The Pinecone MCP Server is a connector that bridges LLM agents with the Pinecone vector database using the Model Context Protocol (MCP). It provides a drop-in solution to perform embedding-driven operations like semantic search, similarity retrieval, and RAG pipelines without dealing with low-level API details. Developers can install it as the @modelcontextprotocol/server-pinecone package and instantly expose upsert, query, fetch, and delete endpoints that any MCP-capable client can call.

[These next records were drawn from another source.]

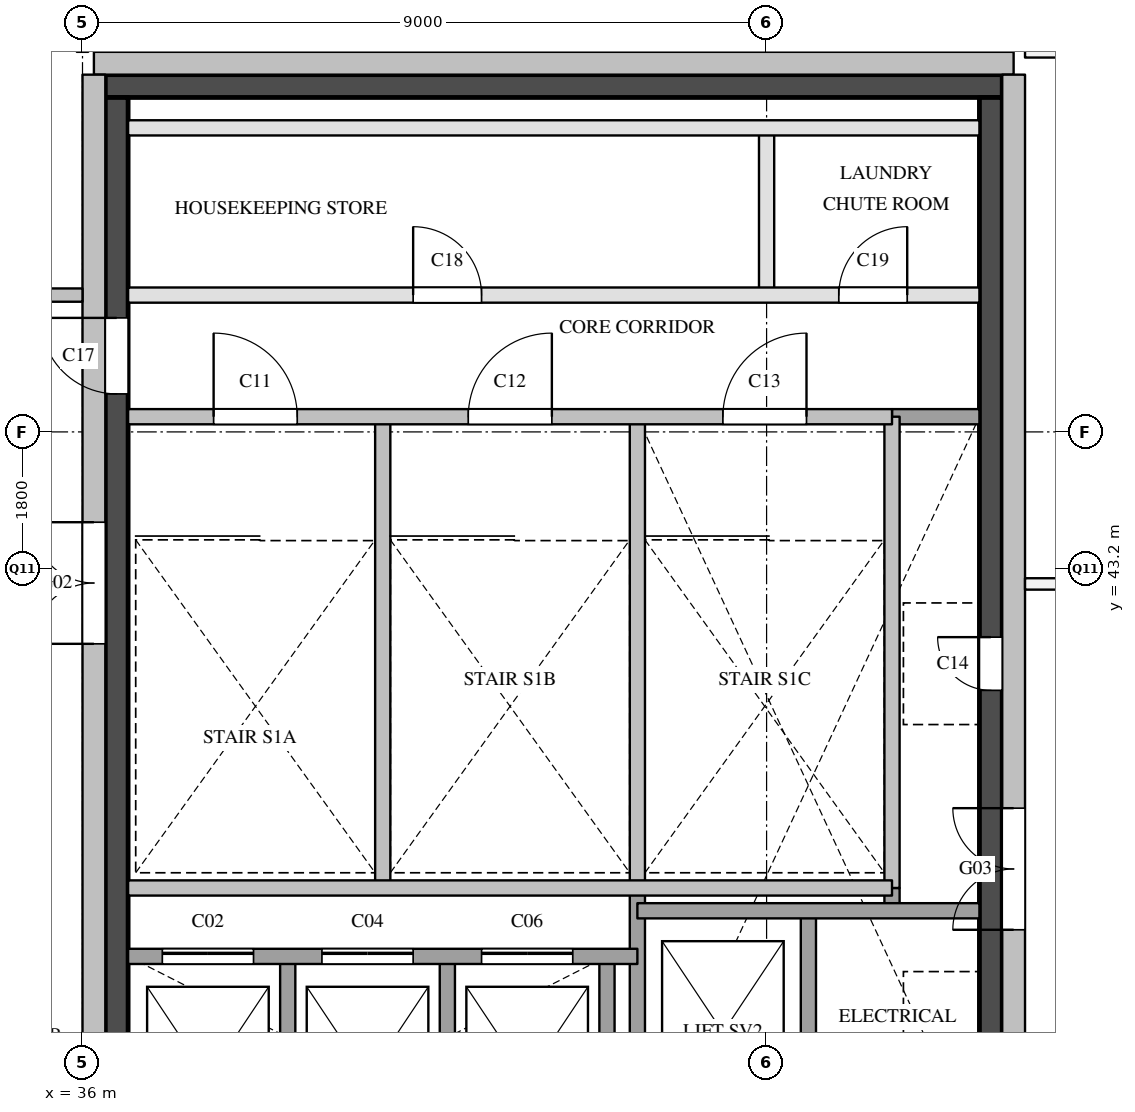
"""IFC4 building model, lengths in metres.
Left out: names, types, materials, properties, quantities, classifications, styles, units other than length and angle.
Written with IfcOpenShell. Run it as: python <this file> out.ifc"""

import sys

from ifc_helpers import new_model, si_unit, direction, frame, frame_2d, origin, place, context, subcontext, project, spatial, rectangle, extrude, element, fill, save


model = new_model("IFC4")
c1 = context("Model", 3, precision=1e-05, world=origin(), true_north=direction((0.0, 1.0)))
c2 = subcontext(c1, "Body", "Model", "MODEL_VIEW")
j1 = project(units=[si_unit("LENGTHUNIT", "METRE"), si_unit("PLANEANGLEUNIT", "RADIAN")], contexts=[c1])
p1 = place(None, origin())
s1 = spatial("IfcSite", under=j1, at=p1, CompositionType="ELEMENT")
p2 = place(p1, origin())
s2 = spatial("IfcBuilding", under=s1, at=p2, CompositionType="ELEMENT")
p3 = place(p2, frame((0.0, 0.0, 320.7)))
s3 = spatial("IfcBuildingStorey", under=s2, at=p3, CompositionType="ELEMENT", Elevation=320.7)
p4 = place(p3, frame((36.15, 49.85, 4.5), z_axis=(0.0, 0.0, 1.0), x_axis=(1.0, 0.0, 0.0)))
e1 = element("IfcWall", 1, at=p4, inside=s3, PredefinedType="SOLIDWALL", context=c2, shape_type="SweptSolid", body=[
    extrude(rectangle(XDim=12.1, YDim=0.3, at=frame_2d((6.05, 0.0))), origin(), (0.0, 0.0, 1.0), 3.6),
])
p5 = place(p3, frame((36.15, 28.8, 4.5), z_axis=(0.0, 0.0, 1.0), x_axis=(0.0, 1.0, 0.0)))
e2 = element("IfcWall", 2, at=p5, inside=s3, PredefinedType="SOLIDWALL", context=c2, shape_type="SweptSolid", body=[
    extrude(rectangle(XDim=20.9, YDim=0.3, at=frame_2d((10.45, 0.0))), origin(), (0.0, 0.0, 1.0), 3.6),
])
p6 = place(p5, frame((5.47, 0.0, 0.0)))
e3 = element("IfcOpeningElement", 3, at=p6, cuts=e2, PredefinedType="OPENING", context=c2, shape_type="SweptSolid", body=[
    extrude(rectangle(XDim=1.6, YDim=2.4, at=frame_2d((0.8, 1.2))), frame((0.0, 0.16, 0.0), z_axis=(0.0, -1.0, 0.0), x_axis=(1.0, 0.0, 0.0)), (0.0, 0.0, 1.0), 0.32),
])
p7 = place(p5, frame((13.412, 0.0, 0.0)))
e4 = element("IfcOpeningElement", 4, at=p7, cuts=e2, PredefinedType="OPENING", context=c2, shape_type="SweptSolid", body=[
    extrude(rectangle(XDim=1.6, YDim=2.4, at=frame_2d((0.8, 1.2))), frame((0.0, 0.16, 0.0), z_axis=(0.0, -1.0, 0.0), x_axis=(1.0, 0.0, 0.0)), (0.0, 0.0, 1.0), 0.32),
])
p8 = place(p3, frame((48.25, 28.8, 4.5), z_axis=(0.0, 0.0, 1.0), x_axis=(0.0, 1.0, 0.0)))
e5 = element("IfcWall", 5, at=p8, inside=s3, PredefinedType="SOLIDWALL", context=c2, shape_type="SweptSolid", body=[
    extrude(rectangle(XDim=20.9, YDim=0.3, at=frame_2d((10.45, 0.0))), origin(), (0.0, 0.0, 1.0), 3.6),
])
p9 = place(p8, frame((9.65, 0.0, 0.0)))
e6 = element("IfcOpeningElement", 6, at=p9, cuts=e5, PredefinedType="OPENING", context=c2, shape_type="SweptSolid", body=[
    extrude(rectangle(XDim=1.6, YDim=2.4, at=frame_2d((0.8, 1.2))), frame((0.0, 0.16, 0.0), z_axis=(0.0, -1.0, 0.0), x_axis=(1.0, 0.0, 0.0)), (0.0, 0.0, 1.0), 0.32),
])
p10 = place(p3, frame((36.3, 49.55, 0.0), z_axis=(0.0, 0.0, 1.0), x_axis=(1.0, 0.0, 0.0)))
e7 = element("IfcWall", 7, at=p10, inside=s3, PredefinedType="SHEAR", context=c2, shape_type="SweptSolid", body=[
    extrude(rectangle(XDim=11.8, YDim=0.3, at=frame_2d((5.9, 0.0))), origin(), (0.0, 0.0, 1.0), 3.95),
])
p11 = place(p3, frame((36.45, 29.1, 0.0), z_axis=(0.0, 0.0, 1.0), x_axis=(0.0, 1.0, 0.0)))
e8 = element("IfcWall", 8, at=p11, inside=s3, PredefinedType="SHEAR", context=c2, shape_type="SweptSolid", body=[
    extrude(rectangle(XDim=20.3, YDim=0.3, at=frame_2d((10.15, 0.0))), origin(), (0.0, 0.0, 1.0), 3.95),
])
p12 = place(p11, frame((3.6, 0.0, 0.0)))
e9 = element("IfcOpeningElement", 9, at=p12, cuts=e8, PredefinedType="OPENING", context=c2, shape_type="SweptSolid", body=[
    extrude(rectangle(XDim=1.8, YDim=2.1, at=frame_2d((0.9, 1.05))), frame((0.0, 0.16, 0.0), z_axis=(0.0, -1.0, 0.0), x_axis=(1.0, 0.0, 0.0)), (0.0, 0.0, 1.0), 0.32),
])
p13 = place(p11, frame((16.4, 0.0, 0.0)))
e10 = element("IfcOpeningElement", 10, at=p13, cuts=e8, PredefinedType="OPENING", context=c2, shape_type="SweptSolid", body=[
    extrude(rectangle(XDim=1.0, YDim=2.1, at=frame_2d((0.5, 1.05))), frame((0.0, 0.16, 0.0), z_axis=(0.0, -1.0, 0.0), x_axis=(1.0, 0.0, 0.0)), (0.0, 0.0, 1.0), 0.32),
])
p14 = place(p3, frame((47.95, 29.1, 0.0), z_axis=(0.0, 0.0, 1.0), x_axis=(0.0, 1.0, 0.0)))
e11 = element("IfcWall", 11, at=p14, inside=s3, PredefinedType="SHEAR", context=c2, shape_type="SweptSolid", body=[
    extrude(rectangle(XDim=20.3, YDim=0.3, at=frame_2d((10.15, 0.0))), origin(), (0.0, 0.0, 1.0), 3.95),
])
p15 = place(p14, frame((12.5, 0.0, 0.0)))
e12 = element("IfcOpeningElement", 12, at=p15, cuts=e11, PredefinedType="OPENING", context=c2, shape_type="SweptSolid", body=[
    extrude(rectangle(XDim=0.7, YDim=2.1, at=frame_2d((0.35, 1.05))), frame((0.0, 0.16, 0.0), z_axis=(0.0, -1.0, 0.0), x_axis=(1.0, 0.0, 0.0)), (0.0, 0.0, 1.0), 0.32),
])
p16 = place(p3, frame((38.7, 34.9, 0.0), z_axis=(0.0, 0.0, 1.0), x_axis=(0.0, 1.0, 0.0)))
e13 = element("IfcWall", 13, at=p16, inside=s3, PredefinedType="SOLIDWALL", context=c2, shape_type="SweptSolid", body=[
    extrude(rectangle(XDim=3.2, YDim=0.2, at=frame_2d((1.6, 0.0))), origin(), (0.0, 0.0, 1.0), 3.95),
])
p17 = place(p3, frame((39.95, 39.0, 0.0), z_axis=(0.0, 0.0, 1.0), x_axis=(0.0, 1.0, 0.0)))
e14 = element("IfcWall", 14, at=p17, inside=s3, PredefinedType="SOLIDWALL", context=c2, shape_type="SweptSolid", body=[
    extrude(rectangle(XDim=6.2, YDim=0.2, at=frame_2d((3.1, 0.0))), origin(), (0.0, 0.0, 1.0), 3.95),
])
for number, where, z_axis, x_axis in (
    (15, (40.8, 34.9, 0.0), (0.0, 0.0, 1.0), (0.0, 1.0, 0.0)),
    (16, (42.9, 34.9, 0.0), (0.0, 0.0, 1.0), (0.0, 1.0, 0.0)),
):
    element("IfcWall", number, at=place(p3, frame(where, z_axis=z_axis, x_axis=x_axis)), inside=s3, PredefinedType="SOLIDWALL", context=c2, shape_type="SweptSolid", body=[
        extrude(rectangle(XDim=3.2, YDim=0.2, at=frame_2d((1.6, 0.0))), origin(), (0.0, 0.0, 1.0), 3.95),
    ])
p18 = place(p3, frame((43.3, 29.1, 0.0), z_axis=(0.0, 0.0, 1.0), x_axis=(0.0, 1.0, 0.0)))
e17 = element("IfcWall", 17, at=p18, inside=s3, PredefinedType="SOLIDWALL", context=c2, shape_type="SweptSolid", body=[
    extrude(rectangle(XDim=9.9, YDim=0.2, at=frame_2d((4.95, 0.0))), origin(), (0.0, 0.0, 1.0), 3.95),
])
p19 = place(p18, frame((3.6, 0.0, 0.0)))
e18 = element("IfcOpeningElement", 18, at=p19, cuts=e17, PredefinedType="OPENING", context=c2, shape_type="SweptSolid", body=[
    extrude(rectangle(XDim=1.8, YDim=2.1, at=frame_2d((0.9, 1.05))), frame((0.0, 0.11, 0.0), z_axis=(0.0, -1.0, 0.0), x_axis=(1.0, 0.0, 0.0)), (0.0, 0.0, 1.0), 0.22),
])
p20 = place(p3, frame((43.3, 39.0, 0.0), z_axis=(0.0, 0.0, 1.0), x_axis=(0.0, 1.0, 0.0)))
e19 = element("IfcWall", 19, at=p20, inside=s3, PredefinedType="SOLIDWALL", context=c2, shape_type="SweptSolid", body=[
    extrude(rectangle(XDim=6.2, YDim=0.2, at=frame_2d((3.1, 0.0))), origin(), (0.0, 0.0, 1.0), 3.95),
])
p21 = place(p3, frame((45.0, 46.8, 0.0), z_axis=(0.0, 0.0, 1.0), x_axis=(0.0, 1.0, 0.0)))
e20 = element("IfcWall", 20, at=p21, inside=s3, PredefinedType="PARTITIONING", context=c2, shape_type="SweptSolid", body=[
    extrude(rectangle(XDim=2.2, YDim=0.2, at=frame_2d((1.1, 0.0))), origin(), (0.0, 0.0, 1.0), 3.95),
])
p22 = place(p3, frame((45.55, 35.5, 0.0), z_axis=(0.0, 0.0, 1.0), x_axis=(0.0, 1.0, 0.0)))
e21 = element("IfcWall", 21, at=p22, inside=s3, PredefinedType="SOLIDWALL", context=c2, shape_type="SweptSolid", body=[
    extrude(rectangle(XDim=3.2, YDim=0.2, at=frame_2d((1.6, 0.0))), origin(), (0.0, 0.0, 1.0), 3.95),
])
p23 = place(p3, frame((46.65, 38.7, 0.0), z_axis=(0.0, 0.0, 1.0), x_axis=(0.0, 1.0, 0.0)))
e22 = element("IfcWall", 22, at=p23, inside=s3, PredefinedType="SOLIDWALL", context=c2, shape_type="SweptSolid", body=[
    extrude(rectangle(XDim=0.3, YDim=0.2, at=frame_2d((0.15, 0.0))), origin(), (0.0, 0.0, 1.0), 3.95),
])
p24 = place(p3, frame((46.65, 39.0, 0.0), z_axis=(0.0, 0.0, 1.0), x_axis=(0.0, 1.0, 0.0)))
e23 = element("IfcWall", 23, at=p24, inside=s3, PredefinedType="SOLIDWALL", context=c2, shape_type="SweptSolid", body=[
    extrude(rectangle(XDim=6.2, YDim=0.2, at=frame_2d((3.1, 0.0))), origin(), (0.0, 0.0, 1.0), 3.95),
])
p25 = place(p3, frame((36.6, 38.1, 0.0), z_axis=(0.0, 0.0, 1.0), x_axis=(1.0, 0.0, 0.0)))
e24 = element("IfcWall", 24, at=p25, inside=s3, PredefinedType="SOLIDWALL", context=c2, shape_type="SweptSolid", body=[
    extrude(rectangle(XDim=6.7, YDim=0.2, at=frame_2d((3.35, 0.0))), origin(), (0.0, 0.0, 1.0), 3.95),
])
p26 = place(p25, frame((0.45, 0.0, 0.0)))
e25 = element("IfcOpeningElement", 25, at=p26, cuts=e24, PredefinedType="OPENING", context=c2, shape_type="SweptSolid", body=[
    extrude(rectangle(XDim=1.2, YDim=2.1, at=frame_2d((0.6, 1.05))), frame((0.0, 0.11, 0.0), z_axis=(0.0, -1.0, 0.0), x_axis=(1.0, 0.0, 0.0)), (0.0, 0.0, 1.0), 0.22),
])
p27 = place(p25, frame((2.55, 0.0, 0.0)))
e26 = element("IfcOpeningElement", 26, at=p27, cuts=e24, PredefinedType="OPENING", context=c2, shape_type="SweptSolid", body=[
    extrude(rectangle(XDim=1.2, YDim=2.1, at=frame_2d((0.6, 1.05))), frame((0.0, 0.11, 0.0), z_axis=(0.0, -1.0, 0.0), x_axis=(1.0, 0.0, 0.0)), (0.0, 0.0, 1.0), 0.22),
])
p28 = place(p25, frame((4.65, 0.0, 0.0)))
e27 = element("IfcOpeningElement", 27, at=p28, cuts=e24, PredefinedType="OPENING", context=c2, shape_type="SweptSolid", body=[
    extrude(rectangle(XDim=1.2, YDim=2.1, at=frame_2d((0.6, 1.05))), frame((0.0, 0.11, 0.0), z_axis=(0.0, -1.0, 0.0), x_axis=(1.0, 0.0, 0.0)), (0.0, 0.0, 1.0), 0.22),
])
p29 = place(p3, frame((43.3, 38.7, 0.0), z_axis=(0.0, 0.0, 1.0), x_axis=(1.0, 0.0, 0.0)))
e28 = element("IfcWall", 28, at=p29, inside=s3, PredefinedType="SOLIDWALL", context=c2, shape_type="SweptSolid", body=[
    extrude(rectangle(XDim=4.5, YDim=0.2, at=frame_2d((2.25, 0.0))), origin(), (0.0, 0.0, 1.0), 3.95),
])
p30 = place(p3, frame((36.6, 39.0, 0.0), z_axis=(0.0, 0.0, 1.0), x_axis=(1.0, 0.0, 0.0)))
e29 = element("IfcWall", 29, at=p30, inside=s3, PredefinedType="SOLIDWALL", context=c2, shape_type="SweptSolid", body=[
    extrude(rectangle(XDim=10.05, YDim=0.2, at=frame_2d((5.025, 0.0))), origin(), (0.0, 0.0, 1.0), 3.95),
])
p31 = place(p3, frame((46.65, 45.2, 0.0), z_axis=(0.0, 0.0, 1.0), x_axis=(1.0, 0.0, 0.0)))
e30 = element("IfcWall", 30, at=p31, inside=s3, PredefinedType="SOLIDWALL", context=c2, shape_type="SweptSolid", body=[
    extrude(rectangle(XDim=1.15, YDim=0.2, at=frame_2d((0.575, 0.0))), origin(), (0.0, 0.0, 1.0), 3.95),
])
p32 = place(p3, frame((36.6, 45.2, 0.0), z_axis=(0.0, 0.0, 1.0), x_axis=(1.0, 0.0, 0.0)))
e31 = element("IfcWall", 31, at=p32, inside=s3, PredefinedType="SOLIDWALL", context=c2, shape_type="SweptSolid", body=[
    extrude(rectangle(XDim=10.05, YDim=0.2, at=frame_2d((5.025, 0.0))), origin(), (0.0, 0.0, 1.0), 3.95),
])
p33 = place(p32, frame((1.125, 0.0, 0.0)))
e32 = element("IfcOpeningElement", 32, at=p33, cuts=e31, PredefinedType="OPENING", context=c2, shape_type="SweptSolid", body=[
    extrude(rectangle(XDim=1.1, YDim=2.1, at=frame_2d((0.55, 1.05))), frame((0.0, 0.11, 0.0), z_axis=(0.0, -1.0, 0.0), x_axis=(1.0, 0.0, 0.0)), (0.0, 0.0, 1.0), 0.22),
])
p34 = place(p32, frame((4.475, 0.0, 0.0)))
e33 = element("IfcOpeningElement", 33, at=p34, cuts=e31, PredefinedType="OPENING", context=c2, shape_type="SweptSolid", body=[
    extrude(rectangle(XDim=1.1, YDim=2.1, at=frame_2d((0.55, 1.05))), frame((0.0, 0.11, 0.0), z_axis=(0.0, -1.0, 0.0), x_axis=(1.0, 0.0, 0.0)), (0.0, 0.0, 1.0), 0.22),
])
p35 = place(p32, frame((7.825, 0.0, 0.0)))
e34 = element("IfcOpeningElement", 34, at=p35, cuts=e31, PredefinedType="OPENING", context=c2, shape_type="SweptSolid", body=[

Under the hood, it runs as a Node.js/TypeScript service, wrapping Pinecone’s official client to handle batching, retries, and namespace isolation. This means you get enterprise-grade performance, security, and scalability out of the box. Whether you’re indexing customer transcripts for a chatbot or powering a RAG experience over internal docs, the Pinecone MCP Server makes it easy to swap vector backends without rewriting your LLM logic.

Quick Start

Install the server using npm:

npm install @modelcontextprotocol/server-pinecone

Then add it to your MCP client configuration:

{
  "mcpServers": {
    "pinecone": {
      "command": "npx",
      "args": ["-y", "@modelcontextprotocol/server-pinecone"],
      "env": {
        "API_KEY": "your-api-key-here"
      }
    }
  }
}

Key Features

Feature 1: MCP-Compliant Connector that exposes standardized upsert, search, fetch, and delete operations via REST or gRPC.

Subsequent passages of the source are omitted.